The Cerulli Report—European Retirement Industry 2020: Addressing Pensions’ Evolving Needs is in its first year of publication and builds on the legacy of the European Institutional Dynamics series of reports. In this report, Cerulli examines the Europe retirement landscape in greater detail than ever before, drawing on a wide range of interviews, surveys, and other research to provide analysis and discussion of the latest developments in the region’s pension industry.

 

INTERVIEWS AND SURVEYS:

  • The report’s analysis centers on proprietary research, including more than 80 qualitative interviews with a diverse range of players in all of the seven markets examined in detail (the U.K., the Netherlands, Switzerland, Germany, France, Italy, and Sweden).
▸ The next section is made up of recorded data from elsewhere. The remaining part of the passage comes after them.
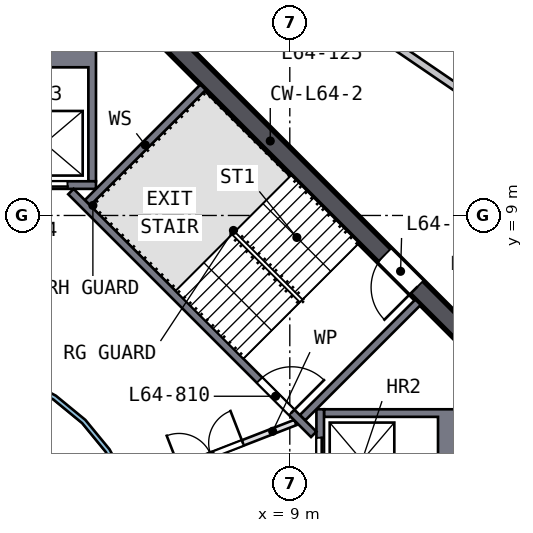
"""IFC4 building model, lengths in metres.
Left out: names, types, materials, properties, quantities, classifications, styles, units other than length and angle.
Written with IfcOpenShell. Run it as: python <this file> out.ifc"""

import sys

from ifc_helpers import new_model, si_unit, direction, frame, frame_2d, origin, place, context, subcontext, project, spatial, polyline, rectangle, outline, extrude, element, fill, save


model = new_model("IFC4")
c1 = context("Model", 3, precision=1e-05, world=origin(), true_north=direction((0.0, 1.0)))
c2 = subcontext(c1, "Body", "Model", "MODEL_VIEW")
j1 = project(units=[si_unit("LENGTHUNIT", "METRE"), si_unit("PLANEANGLEUNIT", "RADIAN")], contexts=[c1])
p1 = place(None, origin())
s1 = spatial("IfcSite", under=j1, at=p1, CompositionType="ELEMENT")
p2 = place(p1, origin())
s2 = spatial("IfcBuilding", under=s1, at=p2, CompositionType="ELEMENT")
p3 = place(p2, frame((0.0, 0.0, 259.5)))
s3 = spatial("IfcBuildingStorey", under=s2, at=p3, CompositionType="ELEMENT", Elevation=259.5)
p4 = place(p3, frame((13.823, 5.622, 0.0), z_axis=(0.0, 0.0, 1.0), x_axis=(-0.707106781, 0.707106781, 0.0)))
e1 = element("IfcWall", 1, at=p4, inside=s3, PredefinedType="SHEAR", context=c2, shape_type="SweptSolid", body=[
    extrude(rectangle(XDim=11.598, YDim=0.5, at=frame_2d((5.799, 0.0))), origin(), (0.0, 0.0, 1.0), 3.5),
])
p5 = place(p4, frame((2.099, 0.0, 0.0)))
e2 = element("IfcOpeningElement", 2, at=p5, cuts=e1, PredefinedType="OPENING", context=c2, shape_type="SweptSolid", body=[
    extrude(rectangle(XDim=1.2, YDim=2.1, at=frame_2d((0.6, 1.05))), frame((0.0, 0.26, 0.0), z_axis=(0.0, -1.0, 0.0), x_axis=(1.0, 0.0, 0.0)), (0.0, 0.0, 1.0), 0.52),
])
p6 = place(p3, origin())
e3 = element("IfcWall", 3, at=p6, inside=s3, PredefinedType="SOLIDWALL", context=c2, shape_type="SweptSolid", body=[
    extrude(outline(polyline([(13.5, 3.9), (13.5, 1.2), (9.9, 1.2), (9.9, 1.4), (12.9, 1.4), (12.9, 3.7), (9.9, 3.7), (9.9, 3.9), (13.5, 3.9)])), origin(), (0.0, 0.0, 1.0), 3.0),
])
p7 = place(p3, frame((9.8, 1.2, 0.0), z_axis=(0.0, 0.0, 1.0), x_axis=(0.0, 1.0, 0.0)))
e4 = element("IfcWall", 4, at=p7, inside=s3, PredefinedType="SOLIDWALL", context=c2, shape_type="SweptSolid", body=[
    extrude(rectangle(XDim=2.7, YDim=0.2, at=frame_2d((1.35, 0.0))), origin(), (0.0, 0.0, 1.0), 3.0),
])
p8 = place(p7, frame((0.75, 0.0, 0.0)))
e5 = element("IfcOpeningElement", 5, at=p8, cuts=e4, PredefinedType="OPENING", context=c2, shape_type="SweptSolid", body=[
    extrude(rectangle(XDim=1.2, YDim=2.1, at=frame_2d((0.6, 1.05))), frame((0.0, 0.11, 0.0), z_axis=(0.0, -1.0, 0.0), x_axis=(1.0, 0.0, 0.0)), (0.0, 0.0, 1.0), 0.22),
])
p9 = place(p3, origin())
e6 = element("IfcWall", 6, at=p9, inside=s3, PredefinedType="SOLIDWALL", context=c2, shape_type="SweptSolid", body=[
    extrude(outline(polyline([(3.9, 9.9), (3.7, 9.9), (3.7, 12.9), (1.4, 12.9), (1.4, 9.9), (1.2, 9.9), (1.2, 13.5), (3.9, 13.5), (3.9, 9.9)])), origin(), (0.0, 0.0, 1.0), 3.0),
])
p10 = place(p3, frame((1.2, 9.8, 0.0), z_axis=(0.0, 0.0, 1.0), x_axis=(1.0, 0.0, 0.0)))
e7 = element("IfcWall", 7, at=p10, inside=s3, PredefinedType="SOLIDWALL", context=c2, shape_type="SweptSolid", body=[
    extrude(rectangle(XDim=2.7, YDim=0.2, at=frame_2d((1.35, 0.0))), origin(), (0.0, 0.0, 1.0), 3.0),
])
p11 = place(p10, frame((0.75, 0.0, 0.0)))
e8 = element("IfcOpeningElement", 8, at=p11, cuts=e7, PredefinedType="OPENING", context=c2, shape_type="SweptSolid", body=[
    extrude(rectangle(XDim=1.2, YDim=2.1, at=frame_2d((0.6, 1.05))), frame((0.0, 0.11, 0.0), z_axis=(0.0, -1.0, 0.0), x_axis=(1.0, 0.0, 0.0)), (0.0, 0.0, 1.0), 0.22),
])
p12 = place(p3, frame((3.24, 9.629, 0.0), z_axis=(0.0, 0.0, 1.0), x_axis=(0.707106781, -0.707106781, 0.0)))
e9 = element("IfcWall", 9, at=p12, inside=s3, PredefinedType="SOLIDWALL", context=c2, shape_type="SweptSolid", body=[
    extrude(rectangle(XDim=9.036, YDim=0.2, at=frame_2d((4.518, 0.0))), origin(), (0.0, 0.0, 1.0), 3.0),
])
p13 = place(p12, frame((7.018, 0.0, 0.0)))
e10 = element("IfcOpeningElement", 10, at=p13, cuts=e9, PredefinedType="OPENING", context=c2, shape_type="SweptSolid", body=[
    extrude(rectangle(XDim=1.2, YDim=2.1, at=frame_2d((0.6, 1.05))), frame((0.0, 0.11, 0.0), z_axis=(0.0, -1.0, 0.0), x_axis=(1.0, 0.0, 0.0)), (0.0, 0.0, 1.0), 0.22),
])
for number, where, z_axis, x_axis in (
    (11, (9.334, 3.677, 0.0), (0.0, 0.0, 1.0), (0.707, 0.707, 0.0)),
    (12, (3.677, 9.334, 0.0), (0.0, 0.0, 1.0), (0.707, 0.707, 0.0)),
):
    element("IfcWall", number, at=place(p3, frame(where, z_axis=z_axis, x_axis=x_axis)), inside=s3, PredefinedType="SOLIDWALL", context=c2, shape_type="SweptSolid", body=[
        extrude(rectangle(XDim=4.3, YDim=0.2, at=frame_2d((2.15, 0.0))), origin(), (0.0, 0.0, 1.0), 3.0),
    ])
p14 = place(p3, frame((4.782, 1.857, 0.0), z_axis=(0.0, 0.0, 1.0), x_axis=(0.932155279, 0.362058746, 0.0)))
e13 = element("IfcWall", 13, at=p14, inside=s3, PredefinedType="PARTITIONING", context=c2, shape_type="SweptSolid", body=[
    extrude(rectangle(XDim=4.682, YDim=0.15, at=frame_2d((2.341, 0.0))), origin(), (0.0, 0.0, 1.0), 3.0),
])
p15 = place(p14, frame((1.4, 0.0, 0.0)))
e14 = element("IfcOpeningElement", 14, at=p15, cuts=e13, PredefinedType="OPENING", context=c2, shape_type="SweptSolid", body=[
    extrude(rectangle(XDim=1.8, YDim=2.1, at=frame_2d((0.9, 1.05))), frame((0.0, 0.085, 0.0), z_axis=(0.0, -1.0, 0.0), x_axis=(1.0, 0.0, 0.0)), (0.0, 0.0, 1.0), 0.17),
])
p16 = place(p3, origin())
e15 = element("IfcWall", 15, at=p16, inside=s3, PredefinedType="SOLIDWALL", context=c2, shape_type="SweptSolid", body=[
    extrude(outline(polyline([(5.021, -0.999), (4.73, -1.959), (4.257, -2.844), (3.62, -3.62), (2.844, -4.257), (1.959, -4.73), (0.999, -5.021), (0.0, -5.12), (-0.999, -5.021), (-1.959, -4.73), (-2.844, -4.257), (-3.62, -3.62), (-4.257, -2.844), (-4.73, -1.959), (-5.021, -0.999), (-5.12, 0.0), (-5.021, 0.999), (-4.73, 1.959), (-4.257, 2.844), (-3.62, 3.62), (-2.844, 4.257), (-1.959, 4.73), (-0.999, 5.021), (0.0, 5.12), (0.999, 5.021), (1.959, 4.73), (2.844, 4.257), (3.62, 3.62), (4.257, 2.844), (4.73, 1.959), (5.021, 0.999), (5.12, 0.0), (5.021, -0.999)]), holes=[polyline([(4.904, 0.976), (4.619, 1.913), (4.157, 2.778), (3.535, 3.535), (2.778, 4.157), (1.913, 4.619), (0.976, 4.904), (0.0, 5.0), (-0.976, 4.904), (-1.913, 4.619), (-2.778, 4.157), (-3.535, 3.535), (-4.157, 2.778), (-4.619, 1.913), (-4.904, 0.976), (-5.0, 0.0), (-4.904, -0.976), (-4.619, -1.913), (-4.157, -2.778), (-3.535, -3.535), (-2.778, -4.157), (-1.913, -4.619), (-0.976, -4.904), (0.0, -5.0), (0.976, -4.904), (1.913, -4.619), (2.778, -4.157), (3.535, -3.535), (4.157, -2.778), (4.619, -1.913), (4.904, -0.976), (5.0, 0.0), (4.904, 0.976)])]), origin(), (0.0, 0.0, 1.0), 3.0),
])
p17 = place(p3, frame((6.083, 17.349, 0.0), z_axis=(0.0, 0.0, 1.0), x_axis=(0.825903966, -0.563810818, 0.0)))
e16 = element("IfcWall", 16, at=p17, inside=s3, PredefinedType="SOLIDWALL", context=c2, shape_type="SweptSolid", body=[
    extrude(rectangle(XDim=9.316, YDim=0.2, at=frame_2d((4.658, 0.0))), origin(), (0.0, 0.0, 1.0), 3.0),
])
p18 = place(p17, frame((5.15, 0.0, 0.0)))
e17 = element("IfcOpeningElement", 17, at=p18, cuts=e16, PredefinedType="OPENING", context=c2, shape_type="SweptSolid", body=[
    extrude(rectangle(XDim=1.0, YDim=2.1, at=frame_2d((0.5, 1.05))), frame((0.0, 0.11, 0.0), z_axis=(0.0, -1.0, 0.0), x_axis=(1.0, 0.0, 0.0)), (0.0, 0.0, 1.0), 0.22),
])
p19 = place(p8, origin())
e18 = element("IfcDoor", 18, at=p19, inside=s3, OperationType="DOUBLE_DOOR_SLIDING", PredefinedType="DOOR", context=c2, shape_type="SweptSolid", body=[
    extrude(rectangle(XDim=1.2, YDim=2.1, at=frame_2d((0.6, 1.05))), frame((0.0, 0.025, 0.0), z_axis=(0.0, -1.0, 0.0), x_axis=(1.0, 0.0, 0.0)), (0.0, 0.0, 1.0), 0.05),
])
fill(e5, e18)
p20 = place(p11, origin())
e19 = element("IfcDoor", 19, at=p20, inside=s3, OperationType="DOUBLE_DOOR_SLIDING", PredefinedType="DOOR", context=c2, shape_type="SweptSolid", body=[
    extrude(rectangle(XDim=1.2, YDim=2.1, at=frame_2d((0.6, 1.05))), frame((0.0, 0.025, 0.0), z_axis=(0.0, -1.0, 0.0), x_axis=(1.0, 0.0, 0.0)), (0.0, 0.0, 1.0), 0.05),
])
fill(e8, e19)
p21 = place(p13, origin())
e20 = element("IfcDoor", 20, at=p21, inside=s3, OperationType="SINGLE_SWING_RIGHT", PredefinedType="DOOR", context=c2, shape_type="SweptSolid", body=[
    extrude(rectangle(XDim=1.2, YDim=2.1, at=frame_2d((0.6, 1.05))), frame((0.0, 0.025, 0.0), z_axis=(0.0, -1.0, 0.0), x_axis=(1.0, 0.0, 0.0)), (0.0, 0.0, 1.0), 0.05),
])
fill(e10, e20)
p22 = place(p5, origin())
e21 = element("IfcDoor", 21, at=p22, inside=s3, OperationType="SINGLE_SWING_LEFT", PredefinedType="DOOR", context=c2, shape_type="SweptSolid", body=[
    extrude(rectangle(XDim=1.2, YDim=2.1, at=frame_2d((0.6, 1.05))), frame((0.0, 0.025, 0.0), z_axis=(0.0, -1.0, 0.0), x_axis=(1.0, 0.0, 0.0)), (0.0, 0.0, 1.0), 0.05),
])
fill(e2, e21)
p23 = place(p15, origin())
e22 = element("IfcDoor", 22, at=p23, inside=s3, OperationType="DOUBLE_DOOR_SINGLE_SWING", PredefinedType="DOOR", context=c2, shape_type="SweptSolid", body=[
    extrude(rectangle(XDim=1.8, YDim=2.1, at=frame_2d((0.9, 1.05))), frame((0.0, 0.025, 0.0), z_axis=(0.0, -1.0, 0.0), x_axis=(1.0, 0.0, 0.0)), (0.0, 0.0, 1.0), 0.05),
])
fill(e14, e22)
save(model, sys.argv[1])

Interviewees included pension trustees, investment consultants, search consultants, fiduciary managers, and institutional asset managers.
  • A total of 19 asset managers completed a European institutional fund manager survey, conducted between June and August 2020. These managers had more than €1.5 trillion of European institutional AUM as of December 2019.
  • A total of 192 defined benefit pension schemes across U.K., the Netherlands, Switzerland, Germany, France, Italy, and Sweden completed a European pension fund survey. In addition, Cerulli surveyed 40 U.K. defined contribution schemes. Altogether, these pension funds represent more than €1.6 trillion in assets.
  • A total of 29 fiduciary managers operating in the U.K. and Dutch markets, with total European fiduciary AUM of €2.1 trillion, completed a fiduciary manager survey. Overall, 12 respondents operate only in the Dutch market, 12 focus on the U.K. market, and five cover both markets.